Aquilo já me enchia. Encostado na cama e passando desapercebido por canais abertos e fechados da televisão, uma dor de cabeça fraca me atormentava, mas esse não era o problema.
O problema era a dor de garganta.
Qualquer movimento brusco com os músculos do pescoço era semelhante a uma garrafa quebrada tentando passar com força por ali.
Mesmo uma gota de cuspe que tentasse descer pra tentar lubrificar o cu que virou minha faringe parecia com insetos me comendo por dentro.
Cansado de doer-me com cada tragada de cuspe, deixei três copos ao meu lado, na escrivaninha. O primeiro, para poder cuspir quando não mais coubesse na boca, escapando de engolir qualquer coisa. Estava na metade, aquela nojeira.
O quarto recendia a um odor bocal horrível.

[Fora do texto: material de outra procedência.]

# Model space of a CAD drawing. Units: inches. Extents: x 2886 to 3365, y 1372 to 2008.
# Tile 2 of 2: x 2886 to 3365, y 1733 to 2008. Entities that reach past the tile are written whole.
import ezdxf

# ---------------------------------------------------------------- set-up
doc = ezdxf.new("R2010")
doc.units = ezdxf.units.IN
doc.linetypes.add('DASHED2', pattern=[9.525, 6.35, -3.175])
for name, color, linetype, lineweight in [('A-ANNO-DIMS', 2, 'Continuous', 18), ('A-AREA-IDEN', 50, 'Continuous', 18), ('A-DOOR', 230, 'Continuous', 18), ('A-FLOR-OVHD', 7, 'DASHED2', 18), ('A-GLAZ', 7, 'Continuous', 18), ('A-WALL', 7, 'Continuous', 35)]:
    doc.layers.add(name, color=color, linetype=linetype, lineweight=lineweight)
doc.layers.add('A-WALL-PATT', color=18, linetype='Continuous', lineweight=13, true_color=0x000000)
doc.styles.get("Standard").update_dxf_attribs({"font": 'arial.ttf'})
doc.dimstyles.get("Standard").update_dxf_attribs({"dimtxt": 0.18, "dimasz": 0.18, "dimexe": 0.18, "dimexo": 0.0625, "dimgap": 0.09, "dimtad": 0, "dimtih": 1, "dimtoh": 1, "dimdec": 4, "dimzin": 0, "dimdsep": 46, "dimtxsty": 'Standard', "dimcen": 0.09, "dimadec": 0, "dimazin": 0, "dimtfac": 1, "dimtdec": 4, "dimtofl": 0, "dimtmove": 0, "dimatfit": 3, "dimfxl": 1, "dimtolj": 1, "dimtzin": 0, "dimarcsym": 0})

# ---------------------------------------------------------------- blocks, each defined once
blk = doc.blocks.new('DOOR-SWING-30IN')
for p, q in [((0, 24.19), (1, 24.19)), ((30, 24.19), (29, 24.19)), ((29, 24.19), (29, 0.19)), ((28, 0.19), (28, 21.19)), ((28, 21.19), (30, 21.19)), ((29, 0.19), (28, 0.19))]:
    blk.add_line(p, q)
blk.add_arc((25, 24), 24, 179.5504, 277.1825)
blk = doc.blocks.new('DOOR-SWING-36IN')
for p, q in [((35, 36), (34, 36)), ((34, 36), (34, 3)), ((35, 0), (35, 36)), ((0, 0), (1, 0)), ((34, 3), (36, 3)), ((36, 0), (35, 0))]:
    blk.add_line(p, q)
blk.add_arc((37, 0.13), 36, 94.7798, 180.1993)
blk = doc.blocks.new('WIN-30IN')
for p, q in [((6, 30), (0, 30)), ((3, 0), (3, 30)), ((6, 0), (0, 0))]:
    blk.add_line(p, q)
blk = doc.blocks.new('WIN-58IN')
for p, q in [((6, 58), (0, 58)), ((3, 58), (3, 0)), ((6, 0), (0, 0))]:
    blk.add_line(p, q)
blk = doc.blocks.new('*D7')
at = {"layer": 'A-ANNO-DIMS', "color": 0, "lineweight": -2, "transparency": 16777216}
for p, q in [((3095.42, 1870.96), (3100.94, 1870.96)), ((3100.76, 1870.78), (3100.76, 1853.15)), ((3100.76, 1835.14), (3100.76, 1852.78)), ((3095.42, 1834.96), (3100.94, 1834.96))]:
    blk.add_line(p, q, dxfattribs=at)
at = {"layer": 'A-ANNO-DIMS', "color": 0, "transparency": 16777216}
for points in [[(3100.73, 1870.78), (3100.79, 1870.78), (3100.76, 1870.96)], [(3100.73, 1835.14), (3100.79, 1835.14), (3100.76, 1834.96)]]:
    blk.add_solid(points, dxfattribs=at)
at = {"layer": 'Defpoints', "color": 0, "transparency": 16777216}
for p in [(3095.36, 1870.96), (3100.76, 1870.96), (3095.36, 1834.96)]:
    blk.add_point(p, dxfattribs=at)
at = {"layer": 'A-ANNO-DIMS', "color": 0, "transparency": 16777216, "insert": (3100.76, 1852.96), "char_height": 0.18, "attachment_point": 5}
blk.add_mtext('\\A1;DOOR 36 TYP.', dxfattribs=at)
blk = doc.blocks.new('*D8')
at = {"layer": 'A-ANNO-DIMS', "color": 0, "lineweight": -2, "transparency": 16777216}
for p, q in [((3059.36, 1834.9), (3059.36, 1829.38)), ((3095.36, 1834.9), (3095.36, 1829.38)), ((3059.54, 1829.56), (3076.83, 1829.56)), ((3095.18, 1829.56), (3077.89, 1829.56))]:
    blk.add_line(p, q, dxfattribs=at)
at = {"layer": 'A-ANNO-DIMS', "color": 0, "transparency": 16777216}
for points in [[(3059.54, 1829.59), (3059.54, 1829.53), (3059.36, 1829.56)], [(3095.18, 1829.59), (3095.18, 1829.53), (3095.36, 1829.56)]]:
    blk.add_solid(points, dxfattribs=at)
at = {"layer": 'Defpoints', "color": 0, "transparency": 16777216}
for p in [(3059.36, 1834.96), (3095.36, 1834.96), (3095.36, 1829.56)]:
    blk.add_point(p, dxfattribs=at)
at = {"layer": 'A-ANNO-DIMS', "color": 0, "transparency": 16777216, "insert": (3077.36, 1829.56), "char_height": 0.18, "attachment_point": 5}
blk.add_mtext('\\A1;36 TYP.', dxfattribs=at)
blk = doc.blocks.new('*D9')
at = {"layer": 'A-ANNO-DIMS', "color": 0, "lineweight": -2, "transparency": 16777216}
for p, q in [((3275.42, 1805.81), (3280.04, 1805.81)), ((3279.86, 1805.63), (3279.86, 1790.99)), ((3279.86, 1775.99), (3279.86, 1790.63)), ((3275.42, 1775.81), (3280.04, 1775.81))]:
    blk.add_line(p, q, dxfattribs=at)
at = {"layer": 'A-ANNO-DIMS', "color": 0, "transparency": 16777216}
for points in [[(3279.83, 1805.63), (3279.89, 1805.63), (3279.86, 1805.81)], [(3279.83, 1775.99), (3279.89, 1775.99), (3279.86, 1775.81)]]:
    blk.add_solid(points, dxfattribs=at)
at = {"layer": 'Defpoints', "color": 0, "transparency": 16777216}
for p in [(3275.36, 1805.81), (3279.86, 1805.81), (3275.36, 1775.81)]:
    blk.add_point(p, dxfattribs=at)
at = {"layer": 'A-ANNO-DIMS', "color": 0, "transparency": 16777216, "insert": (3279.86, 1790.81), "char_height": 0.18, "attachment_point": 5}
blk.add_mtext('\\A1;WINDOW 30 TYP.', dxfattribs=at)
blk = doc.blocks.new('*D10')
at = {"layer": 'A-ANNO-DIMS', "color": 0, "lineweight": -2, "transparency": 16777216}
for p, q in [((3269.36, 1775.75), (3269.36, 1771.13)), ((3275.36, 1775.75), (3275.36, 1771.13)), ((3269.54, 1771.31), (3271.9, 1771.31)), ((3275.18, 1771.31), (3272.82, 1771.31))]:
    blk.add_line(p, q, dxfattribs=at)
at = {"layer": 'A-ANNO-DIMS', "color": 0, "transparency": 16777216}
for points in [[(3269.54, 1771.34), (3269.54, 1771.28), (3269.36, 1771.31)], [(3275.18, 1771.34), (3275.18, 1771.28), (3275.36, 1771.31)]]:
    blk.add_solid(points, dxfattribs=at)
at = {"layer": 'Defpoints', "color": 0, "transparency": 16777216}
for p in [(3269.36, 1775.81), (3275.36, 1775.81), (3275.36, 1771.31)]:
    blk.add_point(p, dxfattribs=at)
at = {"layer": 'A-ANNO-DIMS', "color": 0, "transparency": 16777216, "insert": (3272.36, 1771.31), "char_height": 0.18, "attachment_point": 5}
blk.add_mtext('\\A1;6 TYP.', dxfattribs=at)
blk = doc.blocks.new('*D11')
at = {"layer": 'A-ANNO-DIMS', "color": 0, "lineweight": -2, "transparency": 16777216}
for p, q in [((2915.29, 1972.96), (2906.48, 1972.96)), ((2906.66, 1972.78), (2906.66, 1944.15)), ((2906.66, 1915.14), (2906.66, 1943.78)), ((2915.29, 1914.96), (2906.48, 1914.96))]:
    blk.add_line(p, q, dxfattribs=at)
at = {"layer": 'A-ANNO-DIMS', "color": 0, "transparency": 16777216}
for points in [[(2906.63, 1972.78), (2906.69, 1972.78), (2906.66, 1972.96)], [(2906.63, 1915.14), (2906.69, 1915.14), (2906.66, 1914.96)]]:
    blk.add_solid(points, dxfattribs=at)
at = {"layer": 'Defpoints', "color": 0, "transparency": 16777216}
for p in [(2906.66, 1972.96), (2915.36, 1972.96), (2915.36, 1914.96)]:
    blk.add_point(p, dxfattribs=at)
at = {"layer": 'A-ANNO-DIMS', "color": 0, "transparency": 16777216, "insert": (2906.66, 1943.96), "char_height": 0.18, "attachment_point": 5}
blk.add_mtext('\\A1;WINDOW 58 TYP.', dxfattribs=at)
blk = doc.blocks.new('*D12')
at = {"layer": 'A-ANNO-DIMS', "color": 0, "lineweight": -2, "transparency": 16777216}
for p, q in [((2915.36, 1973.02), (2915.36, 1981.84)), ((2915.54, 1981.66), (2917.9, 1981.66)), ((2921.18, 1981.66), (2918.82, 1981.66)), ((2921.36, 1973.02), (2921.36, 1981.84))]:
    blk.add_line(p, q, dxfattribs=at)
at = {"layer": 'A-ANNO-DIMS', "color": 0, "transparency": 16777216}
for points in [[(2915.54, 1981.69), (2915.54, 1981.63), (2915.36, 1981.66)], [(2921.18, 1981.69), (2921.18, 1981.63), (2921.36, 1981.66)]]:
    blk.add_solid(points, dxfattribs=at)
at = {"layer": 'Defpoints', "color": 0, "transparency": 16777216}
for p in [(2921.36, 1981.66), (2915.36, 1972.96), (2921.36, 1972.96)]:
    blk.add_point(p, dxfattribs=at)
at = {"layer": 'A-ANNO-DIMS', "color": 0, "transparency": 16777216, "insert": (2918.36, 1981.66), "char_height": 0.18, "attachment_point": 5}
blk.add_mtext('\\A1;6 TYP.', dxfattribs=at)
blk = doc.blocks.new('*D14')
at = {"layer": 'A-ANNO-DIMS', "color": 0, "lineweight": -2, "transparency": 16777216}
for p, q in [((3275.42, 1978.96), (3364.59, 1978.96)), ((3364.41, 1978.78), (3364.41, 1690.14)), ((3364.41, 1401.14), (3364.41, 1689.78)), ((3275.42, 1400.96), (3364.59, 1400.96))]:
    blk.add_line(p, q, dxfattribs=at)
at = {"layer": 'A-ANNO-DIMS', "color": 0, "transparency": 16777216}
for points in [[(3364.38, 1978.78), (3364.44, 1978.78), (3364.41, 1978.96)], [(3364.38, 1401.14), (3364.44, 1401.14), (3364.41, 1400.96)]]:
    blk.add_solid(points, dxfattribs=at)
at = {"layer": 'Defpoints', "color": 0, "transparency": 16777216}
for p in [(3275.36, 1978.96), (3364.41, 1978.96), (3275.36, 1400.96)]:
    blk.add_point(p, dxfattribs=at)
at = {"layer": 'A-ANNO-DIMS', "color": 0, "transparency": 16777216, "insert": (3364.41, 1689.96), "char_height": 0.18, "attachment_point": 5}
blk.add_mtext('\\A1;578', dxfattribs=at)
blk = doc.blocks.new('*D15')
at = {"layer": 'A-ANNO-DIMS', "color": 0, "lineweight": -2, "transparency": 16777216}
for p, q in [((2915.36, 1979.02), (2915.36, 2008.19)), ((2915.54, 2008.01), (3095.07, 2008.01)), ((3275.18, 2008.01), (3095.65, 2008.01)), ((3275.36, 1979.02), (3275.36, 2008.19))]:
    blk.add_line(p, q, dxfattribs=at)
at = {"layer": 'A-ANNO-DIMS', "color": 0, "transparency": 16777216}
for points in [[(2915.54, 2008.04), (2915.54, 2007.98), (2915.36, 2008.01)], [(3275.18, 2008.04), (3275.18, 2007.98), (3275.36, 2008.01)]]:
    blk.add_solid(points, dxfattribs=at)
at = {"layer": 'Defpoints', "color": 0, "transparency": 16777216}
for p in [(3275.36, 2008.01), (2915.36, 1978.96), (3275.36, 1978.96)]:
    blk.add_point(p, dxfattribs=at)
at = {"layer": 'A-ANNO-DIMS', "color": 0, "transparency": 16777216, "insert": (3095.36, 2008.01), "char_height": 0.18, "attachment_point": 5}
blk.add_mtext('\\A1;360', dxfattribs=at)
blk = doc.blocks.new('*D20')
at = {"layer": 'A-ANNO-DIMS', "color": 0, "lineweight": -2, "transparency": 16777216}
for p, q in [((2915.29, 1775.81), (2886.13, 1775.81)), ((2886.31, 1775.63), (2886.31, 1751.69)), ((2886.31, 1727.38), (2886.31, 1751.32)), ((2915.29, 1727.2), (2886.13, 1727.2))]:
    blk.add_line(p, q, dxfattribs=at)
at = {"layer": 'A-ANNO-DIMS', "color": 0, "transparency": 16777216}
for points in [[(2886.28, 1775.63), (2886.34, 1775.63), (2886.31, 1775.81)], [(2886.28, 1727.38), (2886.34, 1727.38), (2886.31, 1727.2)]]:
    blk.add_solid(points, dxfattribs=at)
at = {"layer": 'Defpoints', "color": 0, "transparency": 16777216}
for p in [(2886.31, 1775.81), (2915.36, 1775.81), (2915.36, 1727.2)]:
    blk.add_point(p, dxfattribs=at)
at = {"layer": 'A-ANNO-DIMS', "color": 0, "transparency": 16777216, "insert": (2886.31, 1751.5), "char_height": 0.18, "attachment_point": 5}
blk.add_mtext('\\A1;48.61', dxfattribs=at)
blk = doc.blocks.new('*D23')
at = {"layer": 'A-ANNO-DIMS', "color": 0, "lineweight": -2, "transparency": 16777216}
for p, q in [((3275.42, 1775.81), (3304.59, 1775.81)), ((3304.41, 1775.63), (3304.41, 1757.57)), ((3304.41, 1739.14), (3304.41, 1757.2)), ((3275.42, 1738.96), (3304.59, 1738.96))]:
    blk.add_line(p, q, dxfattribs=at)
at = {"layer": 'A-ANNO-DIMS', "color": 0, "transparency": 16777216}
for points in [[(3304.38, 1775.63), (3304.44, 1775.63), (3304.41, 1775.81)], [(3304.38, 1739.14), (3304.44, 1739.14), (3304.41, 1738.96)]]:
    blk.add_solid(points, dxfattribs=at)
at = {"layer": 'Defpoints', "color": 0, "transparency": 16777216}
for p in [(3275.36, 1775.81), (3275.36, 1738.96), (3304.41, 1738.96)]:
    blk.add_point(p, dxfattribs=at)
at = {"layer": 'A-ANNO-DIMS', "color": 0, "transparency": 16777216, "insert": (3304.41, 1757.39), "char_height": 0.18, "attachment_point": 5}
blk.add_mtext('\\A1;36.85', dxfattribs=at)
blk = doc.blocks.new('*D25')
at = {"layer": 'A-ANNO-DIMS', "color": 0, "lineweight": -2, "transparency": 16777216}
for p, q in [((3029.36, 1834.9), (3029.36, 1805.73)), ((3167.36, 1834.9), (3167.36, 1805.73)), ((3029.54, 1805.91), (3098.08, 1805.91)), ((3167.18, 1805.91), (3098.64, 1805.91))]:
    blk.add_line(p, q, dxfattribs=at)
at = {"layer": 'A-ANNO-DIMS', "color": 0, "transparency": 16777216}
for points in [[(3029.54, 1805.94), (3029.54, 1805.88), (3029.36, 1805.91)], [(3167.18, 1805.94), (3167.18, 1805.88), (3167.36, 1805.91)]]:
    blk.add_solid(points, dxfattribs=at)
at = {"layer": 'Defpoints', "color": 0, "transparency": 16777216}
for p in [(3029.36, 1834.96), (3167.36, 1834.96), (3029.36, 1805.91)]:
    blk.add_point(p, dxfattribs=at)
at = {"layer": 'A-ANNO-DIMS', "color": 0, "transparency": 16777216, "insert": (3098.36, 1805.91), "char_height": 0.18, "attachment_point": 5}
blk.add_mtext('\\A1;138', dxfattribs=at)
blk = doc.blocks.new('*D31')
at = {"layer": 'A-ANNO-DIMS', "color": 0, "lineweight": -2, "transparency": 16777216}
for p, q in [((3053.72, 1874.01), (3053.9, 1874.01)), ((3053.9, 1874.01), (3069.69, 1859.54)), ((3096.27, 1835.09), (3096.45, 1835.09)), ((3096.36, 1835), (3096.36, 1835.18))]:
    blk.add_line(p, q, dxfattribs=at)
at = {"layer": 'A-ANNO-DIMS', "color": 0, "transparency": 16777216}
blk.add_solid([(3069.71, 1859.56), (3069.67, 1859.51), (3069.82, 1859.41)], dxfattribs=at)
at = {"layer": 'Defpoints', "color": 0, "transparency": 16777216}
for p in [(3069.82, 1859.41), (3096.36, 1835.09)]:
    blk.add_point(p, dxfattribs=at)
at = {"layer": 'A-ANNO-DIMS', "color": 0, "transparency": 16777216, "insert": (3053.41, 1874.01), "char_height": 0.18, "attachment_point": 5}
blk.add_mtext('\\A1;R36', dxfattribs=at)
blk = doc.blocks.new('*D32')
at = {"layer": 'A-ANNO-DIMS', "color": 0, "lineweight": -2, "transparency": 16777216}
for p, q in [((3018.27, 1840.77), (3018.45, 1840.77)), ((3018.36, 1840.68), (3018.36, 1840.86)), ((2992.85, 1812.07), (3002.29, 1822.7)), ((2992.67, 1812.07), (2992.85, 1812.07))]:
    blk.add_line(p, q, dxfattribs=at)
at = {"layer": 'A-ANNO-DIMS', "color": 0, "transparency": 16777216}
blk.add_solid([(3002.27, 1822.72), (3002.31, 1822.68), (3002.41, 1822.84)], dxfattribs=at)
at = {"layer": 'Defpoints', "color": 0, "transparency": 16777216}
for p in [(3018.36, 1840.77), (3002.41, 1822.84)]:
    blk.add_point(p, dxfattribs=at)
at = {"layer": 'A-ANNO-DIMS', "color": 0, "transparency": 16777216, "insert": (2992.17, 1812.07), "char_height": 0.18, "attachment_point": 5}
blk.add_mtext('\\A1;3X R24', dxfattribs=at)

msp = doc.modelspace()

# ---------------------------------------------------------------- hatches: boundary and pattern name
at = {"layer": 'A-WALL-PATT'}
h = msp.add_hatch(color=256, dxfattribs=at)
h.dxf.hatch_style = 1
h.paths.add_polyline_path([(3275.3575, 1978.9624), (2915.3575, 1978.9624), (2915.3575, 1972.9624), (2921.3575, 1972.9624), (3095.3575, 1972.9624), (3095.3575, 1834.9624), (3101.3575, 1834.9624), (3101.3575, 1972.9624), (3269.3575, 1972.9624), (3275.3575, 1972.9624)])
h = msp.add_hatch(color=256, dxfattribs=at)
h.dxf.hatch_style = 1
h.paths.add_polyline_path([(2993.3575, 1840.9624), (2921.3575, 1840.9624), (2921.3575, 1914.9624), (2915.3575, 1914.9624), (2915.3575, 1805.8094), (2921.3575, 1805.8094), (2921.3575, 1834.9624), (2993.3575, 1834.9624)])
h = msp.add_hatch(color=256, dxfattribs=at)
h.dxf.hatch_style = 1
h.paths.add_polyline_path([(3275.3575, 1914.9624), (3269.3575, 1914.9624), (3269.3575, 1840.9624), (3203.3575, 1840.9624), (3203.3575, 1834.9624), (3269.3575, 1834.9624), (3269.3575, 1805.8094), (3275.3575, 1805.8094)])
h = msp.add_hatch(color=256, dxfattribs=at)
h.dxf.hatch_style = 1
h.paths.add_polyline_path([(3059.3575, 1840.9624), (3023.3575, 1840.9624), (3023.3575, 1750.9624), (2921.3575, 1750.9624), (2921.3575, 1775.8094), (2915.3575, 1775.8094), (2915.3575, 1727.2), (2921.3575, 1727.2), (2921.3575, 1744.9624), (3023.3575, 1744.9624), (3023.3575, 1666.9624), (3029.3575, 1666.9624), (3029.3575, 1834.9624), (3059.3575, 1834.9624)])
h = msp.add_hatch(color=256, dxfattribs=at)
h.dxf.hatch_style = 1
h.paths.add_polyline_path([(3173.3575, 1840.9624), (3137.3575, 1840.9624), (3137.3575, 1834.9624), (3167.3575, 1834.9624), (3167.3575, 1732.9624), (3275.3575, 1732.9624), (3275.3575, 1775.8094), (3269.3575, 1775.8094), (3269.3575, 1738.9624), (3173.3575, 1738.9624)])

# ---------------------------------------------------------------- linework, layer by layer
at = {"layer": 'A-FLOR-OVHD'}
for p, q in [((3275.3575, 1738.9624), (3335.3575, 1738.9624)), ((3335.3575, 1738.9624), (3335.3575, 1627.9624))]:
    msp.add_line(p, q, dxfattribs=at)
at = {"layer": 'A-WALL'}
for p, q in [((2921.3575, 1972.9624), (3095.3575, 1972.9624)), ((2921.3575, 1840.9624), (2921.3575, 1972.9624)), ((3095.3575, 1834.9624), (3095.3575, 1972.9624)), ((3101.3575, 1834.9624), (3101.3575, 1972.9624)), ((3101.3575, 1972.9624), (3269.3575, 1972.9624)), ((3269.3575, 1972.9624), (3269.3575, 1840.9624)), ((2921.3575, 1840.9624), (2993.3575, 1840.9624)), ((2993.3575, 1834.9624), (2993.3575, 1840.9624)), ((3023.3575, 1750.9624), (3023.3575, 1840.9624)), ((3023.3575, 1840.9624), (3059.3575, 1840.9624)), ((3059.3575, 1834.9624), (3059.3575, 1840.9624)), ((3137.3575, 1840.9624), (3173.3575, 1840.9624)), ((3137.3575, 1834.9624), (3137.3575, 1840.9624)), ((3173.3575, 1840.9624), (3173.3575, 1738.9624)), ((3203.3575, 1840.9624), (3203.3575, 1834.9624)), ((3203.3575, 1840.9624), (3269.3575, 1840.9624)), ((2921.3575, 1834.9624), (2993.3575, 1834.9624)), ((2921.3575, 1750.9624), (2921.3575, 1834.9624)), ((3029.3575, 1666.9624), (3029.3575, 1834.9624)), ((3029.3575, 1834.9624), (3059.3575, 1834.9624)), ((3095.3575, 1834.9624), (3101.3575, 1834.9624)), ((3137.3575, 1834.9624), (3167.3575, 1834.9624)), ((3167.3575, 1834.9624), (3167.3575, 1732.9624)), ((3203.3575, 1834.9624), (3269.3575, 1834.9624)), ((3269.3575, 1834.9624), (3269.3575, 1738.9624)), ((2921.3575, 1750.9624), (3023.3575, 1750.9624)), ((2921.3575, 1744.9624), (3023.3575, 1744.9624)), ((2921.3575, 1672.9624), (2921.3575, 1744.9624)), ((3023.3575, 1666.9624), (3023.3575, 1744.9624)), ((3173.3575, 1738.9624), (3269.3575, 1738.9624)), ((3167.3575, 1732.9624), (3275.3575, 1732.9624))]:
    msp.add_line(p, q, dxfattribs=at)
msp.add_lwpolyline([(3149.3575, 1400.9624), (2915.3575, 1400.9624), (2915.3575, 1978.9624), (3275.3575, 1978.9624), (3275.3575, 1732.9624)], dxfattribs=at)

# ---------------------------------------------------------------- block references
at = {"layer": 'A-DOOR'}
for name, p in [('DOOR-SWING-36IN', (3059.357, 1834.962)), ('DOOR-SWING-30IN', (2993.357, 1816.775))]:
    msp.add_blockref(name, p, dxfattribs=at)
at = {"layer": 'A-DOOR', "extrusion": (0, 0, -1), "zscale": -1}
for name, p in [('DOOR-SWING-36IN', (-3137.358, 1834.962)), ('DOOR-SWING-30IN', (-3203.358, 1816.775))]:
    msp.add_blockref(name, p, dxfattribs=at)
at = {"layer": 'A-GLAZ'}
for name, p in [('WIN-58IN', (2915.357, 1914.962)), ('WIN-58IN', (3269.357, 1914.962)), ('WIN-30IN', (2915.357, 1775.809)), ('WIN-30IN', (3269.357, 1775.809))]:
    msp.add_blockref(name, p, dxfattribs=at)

Não era mau hálito, precisamente, mas um tipo de cheiro absurdo que se desprega do cuspe quando em contato com o oxigênio.
E ele só se mostrou terrível quando minha irmã entrou no quarto, graciosa e atenciosa, com meu remédio a tomar. O cheiro era porco e pútrido e ela, chegando mais perto de mim – e por consequência do copo e do cheiro – já ia vomitando em cima do meu peito. Fui mais rápido e antecedi seu gorfo com o segundo copo, vazio e justamente pra isso.
Até a metade e ela saiu correndo, tadinha.
Deixei o copo e peguei o terceiro, de água limpa mas não menos dolorosa do que o cuspe nojento. Botei o comprimido na língua, perto do abismo da garganta e dosei a água na boca. Engoli tudo junto, num esforço desumano e terrível. Arfei e guardei o copo.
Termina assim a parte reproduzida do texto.